- Royal Australian Artillery cap badge
- Active: 1 March 1901 – present
- Country: Australia
- Branch: Australian Army
- Type: Artillery
- Role: Field artillery (3 regiments) Air defence (1 regiment) Surveillance and target acquisition (1 regiment)
- Size: Six Regiments
- Nickname: The 9 Mile Snipers
- Mottos: Latin: Ubique and Latin: Quo Fas et Gloria Ducunt Everywhere and Where right and glory lead
- March: Quick: Royal Artillery Quick March Slow: Royal Artillery Slow March
- Anniversaries: 1 August (Regimental birthday).

Commanders
- Captain-General: King Charles III

Insignia
- Identification symbol: Red over blue.

= Royal Australian Artillery =

Administrative corps of the Australian Army

The Royal Regiment of Australian Artillery, normally referred to as the Royal Australian Artillery (RAA), is a Regiment of the Australian Army descended from the original colonial artillery units prior to Australia's federation. Australia's first guns were landed from and a small earthen redoubt built, near the present-day Macquarie Place, to command the approaches to Sydney Cove. The deployment of these guns represents the origins of artillery in Australia. These and subsequent defences, as well as field guns, were operated by marines and the soldiers of infantry regiments stationed in Australia. Unlike their British and Canadian equivalents, there are no regiments of horse artillery in the order of battle of the Royal Australian Artillery. The First World War saw the raising of 60 field, 20 howitzer, and two siege batteries along with the heavy and medium trench mortar batteries. Until 19 September 1962 the Australian Artillery was referred to as the 'Royal Australian Artillery', however, on this date Queen Elizabeth II granted the RAA the title of 'The Royal Regiment of Australian Artillery'. The Regiment today consists of Regular and Reserve units.

== Role ==
To maximise the combat power of the Australian Defence Forces through the provision of offensive support coordination and indirect firepower, surveillance and target acquisition and ground-based air defence.
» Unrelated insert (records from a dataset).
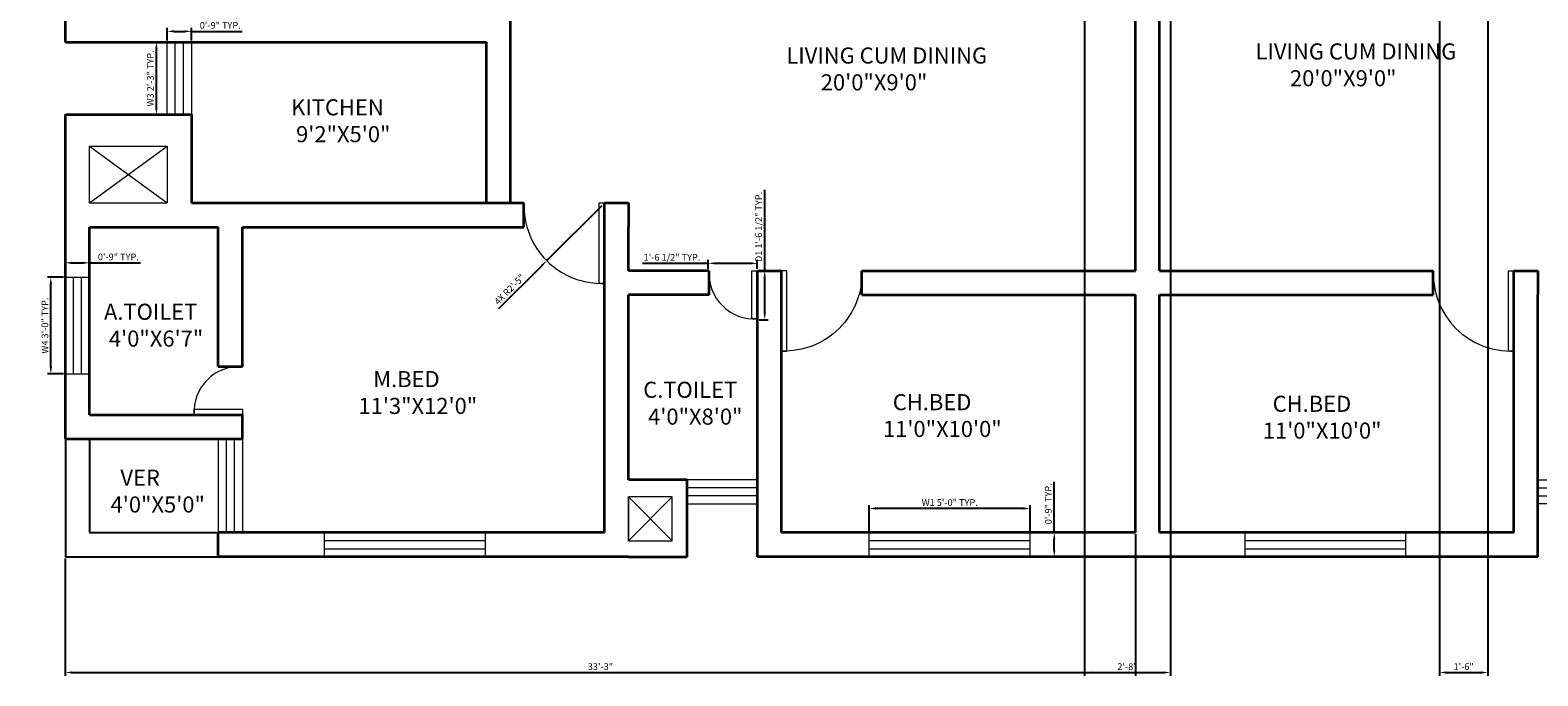
# Model space of a CAD drawing. Units: inches. Extents: x 3941 to 4852, y 2755 to 3388.
# Tile 1 of 5: x 3975 to 4537, y 2755 to 2996. Entities that reach past the tile are written whole.
import ezdxf

# ---------------------------------------------------------------- set-up
doc = ezdxf.new("R2010")
doc.units = ezdxf.units.IN
for name, color, linetype, lineweight in [('A-ANNO-DIMS', 2, 'Continuous', 18), ('A-AREA-IDEN', 7, 'Continuous', 18), ('A-DOOR', 2, 'Continuous', 18), ('A-FLOR-OPEN', 7, 'Continuous', 18), ('A-GLAZ', 5, 'Continuous', 18), ('A-WALL', 7, 'Continuous', 35), ('A-WALL-PRPT', 6, 'Continuous', 25)]:
    doc.layers.add(name, color=color, linetype=linetype, lineweight=lineweight)
doc.styles.get("Standard").update_dxf_attribs({"font": 'arial.ttf'})
doc.dimstyles.new('ISO-25', dxfattribs={"dimtxt": 2.5, "dimasz": 2.5, "dimexe": 1.25, "dimexo": 0.625, "dimtad": 1, "dimlunit": 3, "dimtxsty": 'Standard', "dimcen": 2.5, "dimadec": 0, "dimazin": 0, "dimtfac": 1, "dimtmove": 0, "dimatfit": 3, "dimfxl": 1, "dimarcsym": 0})

# ---------------------------------------------------------------- blocks, each defined once
blk = doc.blocks.new('WINDOW-60IN')
for p, q in [((0, 60), (9, 60)), ((0, 60), (0, 0)), ((3, 60), (3, 0)), ((6, 60), (6, 0)), ((9, 0), (9, 60)), ((0, 0), (9, 0))]:
    blk.add_line(p, q)
blk = doc.blocks.new('WINDOW-27IN')
for p, q in [((0, 0), (0, 27)), ((0, 27), (9, 27)), ((3, 0), (3, 27)), ((6, 0), (6, 27)), ((9, 27), (9, 0)), ((9, 0), (0, 0))]:
    blk.add_line(p, q)
blk = doc.blocks.new('WINDOW-36IN')
for p, q in [((0, 36), (9, 36)), ((0, 36), (0, 0)), ((3, 0), (3, 36)), ((6, 0), (6, 36)), ((9, 0), (9, 36)), ((0, 0), (9, 0))]:
    blk.add_line(p, q)
blk = doc.blocks.new('VERANDA-GLAZING-35IN')
for p, q in [((0, 35), (0, 0)), ((0, 35), (9, 35)), ((3, 35), (3, 0)), ((6, 35), (6, 0)), ((9, 35), (9, 0)), ((9, 35), (9, 0)), ((9, 0), (0, 0))]:
    blk.add_line(p, q)
blk = doc.blocks.new('DOOR-SWING-18IN')
for p, q in [((0.03, 0), (0.03, 2)), ((0.03, 2), (18.03, 2)), ((18.03, 0), (0.03, 0)), ((18.03, 2), (18.03, 0))]:
    blk.add_line(p, q)
blk.add_arc((17.03, 1), 17.03, 86.6335, 183.3665)
blk = doc.blocks.new('DOOR-SWING-30IN')
for p, q in [((0, 30.02), (30, 30.02)), ((0, 28.02), (0, 30.02)), ((30, 30.02), (30, 28.02)), ((30, 28.02), (0, 28.02))]:
    blk.add_line(p, q)
blk.add_arc((1, 29.02), 29.02, 268.0251, 1.9749)
blk = doc.blocks.new('*D11')
at = {"layer": 'A-ANNO-DIMS', "color": 0, "lineweight": -2, "transparency": 16777216}
for p, q in [((4249, 2906.49), (4249, 2936.62)), ((4246.88, 2906.49), (4250.25, 2906.49)), ((4249, 2890.71), (4249, 2903.99)), ((4246.88, 2888.21), (4250.25, 2888.21))]:
    blk.add_line(p, q, dxfattribs=at)
at = {"layer": 'A-ANNO-DIMS', "color": 0, "transparency": 16777216}
for points in [[(4248.58, 2903.99), (4249.41, 2903.99), (4249, 2906.49)], [(4248.58, 2890.71), (4249.41, 2890.71), (4249, 2888.21)]]:
    blk.add_solid(points, dxfattribs=at)
at = {"layer": 'Defpoints', "color": 0, "transparency": 16777216}
for p in [(4246.25, 2906.49), (4249, 2906.49), (4246.25, 2888.21)]:
    blk.add_point(p, dxfattribs=at)
at = {"layer": 'A-ANNO-DIMS', "color": 0, "transparency": 16777216, "insert": (4247.08, 2922.8), "char_height": 2.5, "attachment_point": 5, "rotation": 90}
blk.add_mtext('D1 1\'-6 1/2" TYP.', dxfattribs=at)
blk = doc.blocks.new('*D12')
at = {"layer": 'A-ANNO-DIMS', "color": 0, "lineweight": -2, "transparency": 16777216}
for p, q in [((4227.97, 2909.23), (4203.39, 2909.23)), ((4227.97, 2907.12), (4227.97, 2910.48)), ((4243.75, 2909.23), (4230.47, 2909.23)), ((4246.25, 2907.12), (4246.25, 2910.48))]:
    blk.add_line(p, q, dxfattribs=at)
at = {"layer": 'A-ANNO-DIMS', "color": 0, "transparency": 16777216}
for points in [[(4230.47, 2909.65), (4230.47, 2908.82), (4227.97, 2909.23)], [(4243.75, 2909.65), (4243.75, 2908.82), (4246.25, 2909.23)]]:
    blk.add_solid(points, dxfattribs=at)
at = {"layer": 'Defpoints', "color": 0, "transparency": 16777216}
for p in [(4227.97, 2909.23), (4227.97, 2906.49), (4246.25, 2906.49)]:
    blk.add_point(p, dxfattribs=at)
at = {"layer": 'A-ANNO-DIMS', "color": 0, "transparency": 16777216, "insert": (4214.43, 2911.15), "char_height": 2.5, "attachment_point": 5}
blk.add_mtext('1\'-6 1/2" TYP.', dxfattribs=at)
blk = doc.blocks.new('*D15')
at = {"layer": 'A-ANNO-DIMS', "color": 0, "lineweight": -2, "transparency": 16777216}
for p, q in [((4287.96, 2809.38), (4287.96, 2819)), ((4345.46, 2817.75), (4290.46, 2817.75)), ((4347.96, 2809.38), (4347.96, 2819))]:
    blk.add_line(p, q, dxfattribs=at)
at = {"layer": 'A-ANNO-DIMS', "color": 0, "transparency": 16777216}
for points in [[(4290.46, 2818.17), (4290.46, 2817.34), (4287.96, 2817.75)], [(4345.46, 2818.17), (4345.46, 2817.34), (4347.96, 2817.75)]]:
    blk.add_solid(points, dxfattribs=at)
at = {"layer": 'Defpoints', "color": 0, "transparency": 16777216}
for p in [(4287.96, 2817.75), (4287.96, 2808.75), (4347.96, 2808.75)]:
    blk.add_point(p, dxfattribs=at)
at = {"layer": 'A-ANNO-DIMS', "color": 0, "transparency": 16777216, "insert": (4317.96, 2819.66), "char_height": 2.5, "attachment_point": 5}
blk.add_mtext('W1 5\'-0" TYP.', dxfattribs=at)
blk = doc.blocks.new('*D16')
at = {"layer": 'A-ANNO-DIMS', "color": 0, "lineweight": -2, "transparency": 16777216}
for p, q in [((4356.96, 2808.75), (4356.96, 2827.74)), ((4348.58, 2808.75), (4358.21, 2808.75)), ((4356.96, 2802.25), (4356.96, 2806.25)), ((4348.58, 2799.75), (4358.21, 2799.75))]:
    blk.add_line(p, q, dxfattribs=at)
at = {"layer": 'A-ANNO-DIMS', "color": 0, "transparency": 16777216}
for points in [[(4356.54, 2806.25), (4357.38, 2806.25), (4356.96, 2808.75)], [(4356.54, 2802.25), (4357.38, 2802.25), (4356.96, 2799.75)]]:
    blk.add_solid(points, dxfattribs=at)
at = {"layer": 'Defpoints', "color": 0, "transparency": 16777216}
for p in [(4347.96, 2808.75), (4356.96, 2808.75), (4347.96, 2799.75)]:
    blk.add_point(p, dxfattribs=at)
at = {"layer": 'A-ANNO-DIMS', "color": 0, "transparency": 16777216, "insert": (4355.06, 2819.5), "char_height": 2.5, "attachment_point": 5, "rotation": 90}
blk.add_mtext('0\'-9" TYP.', dxfattribs=at)
blk = doc.blocks.new('*D19')
at = {"layer": 'A-ANNO-DIMS', "color": 0, "lineweight": -2, "transparency": 16777216}
for p, q in [((4025.63, 2991.75), (4020.95, 2991.75)), ((4022.2, 2967.25), (4022.2, 2989.25)), ((4025.63, 2964.75), (4020.95, 2964.75))]:
    blk.add_line(p, q, dxfattribs=at)
at = {"layer": 'A-ANNO-DIMS', "color": 0, "transparency": 16777216}
for points in [[(4021.79, 2989.25), (4022.62, 2989.25), (4022.2, 2991.75)], [(4021.79, 2967.25), (4022.62, 2967.25), (4022.2, 2964.75)]]:
    blk.add_solid(points, dxfattribs=at)
at = {"layer": 'Defpoints', "color": 0, "transparency": 16777216}
for p in [(4022.2, 2991.75), (4026.25, 2991.75), (4026.25, 2964.75)]:
    blk.add_point(p, dxfattribs=at)
at = {"layer": 'A-ANNO-DIMS', "color": 0, "transparency": 16777216, "insert": (4020.3, 2978.25), "char_height": 2.5, "attachment_point": 5, "rotation": 90}
blk.add_mtext('W3 2\'-3" TYP.', dxfattribs=at)
blk = doc.blocks.new('*D20')
at = {"layer": 'A-ANNO-DIMS', "color": 0, "lineweight": -2, "transparency": 16777216}
for p, q in [((4026.25, 2992.38), (4026.25, 2997.05)), ((4035.25, 2992.38), (4035.25, 2997.05)), ((4028.75, 2995.8), (4032.75, 2995.8)), ((4035.25, 2995.8), (4054.24, 2995.8))]:
    blk.add_line(p, q, dxfattribs=at)
at = {"layer": 'A-ANNO-DIMS', "color": 0, "transparency": 16777216}
for points in [[(4028.75, 2996.22), (4028.75, 2995.39), (4026.25, 2995.8)], [(4032.75, 2996.22), (4032.75, 2995.39), (4035.25, 2995.8)]]:
    blk.add_solid(points, dxfattribs=at)
at = {"layer": 'Defpoints', "color": 0, "transparency": 16777216}
for p in [(4026.25, 2991.75), (4035.25, 2995.8), (4035.25, 2991.75)]:
    blk.add_point(p, dxfattribs=at)
at = {"layer": 'A-ANNO-DIMS', "color": 0, "transparency": 16777216, "insert": (4046, 2997.71), "char_height": 2.5, "attachment_point": 5}
blk.add_mtext('0\'-9" TYP.', dxfattribs=at)
blk = doc.blocks.new('*D21')
at = {"layer": 'A-ANNO-DIMS', "color": 0, "lineweight": -2, "transparency": 16777216}
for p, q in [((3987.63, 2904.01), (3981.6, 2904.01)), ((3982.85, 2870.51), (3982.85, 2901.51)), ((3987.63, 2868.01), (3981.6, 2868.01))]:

To fire long range weapons to inflict casualties, to destroy equipment and fortifications, and to cooperate with infantry and armour to eliminate enemy resistance.

==History==
Pre-Federation

The first Royal Artillery unit arrived in Australia in 1856 and began a succession of gunner units that garrisoned Australia, which ended with the withdrawal of the imperial forces in 1870. This resulted in the raising of the Victorian Artillery Corps in Melbourne in 1870 and the New South Wales Artillery in Sydney on 1 August 1871.

Federation to present

The Australian Regular Army came into being in 1947, while prior to this artillery units were predominantly militia based. The permanent artillery consisted of one field battery, 'A' Field Battery - which now perpetuates the New South Wales Artillery, HQ P Anti-Aircraft Battery with 1st, 2nd and 3rd AA Cadres under command, the independent 4th and 5th AA Cadres, HQ 1st, 2nd and 3rd Heavy Brigades and the 1st to 13th Heavy Batteries. Prior to the Second World War heavy artillery, later called coast artillery, units were established at strategic locations around the coastline, however, these units were progressively phased out by 1962. During the Second World War, the RAA raised in excess of 70 regiments of field, medium, anti-tank, anti-aircraft and survey artillery, and in excess of 200 anti-aircraft and coast artillery batteries with their attendant anti-aircraft group or fire command headquarters in the fixed defences. Many saw action in the Middle East, Malaya and Southwest Pacific theatres, with two field regiments, one anti-tank regiment, one independent anti-tank battery, an anti-aircraft battery and two coast batteries being captured by the Japanese in Singapore, Ambon, Timor and New Britain while serving as part of the 8th Division.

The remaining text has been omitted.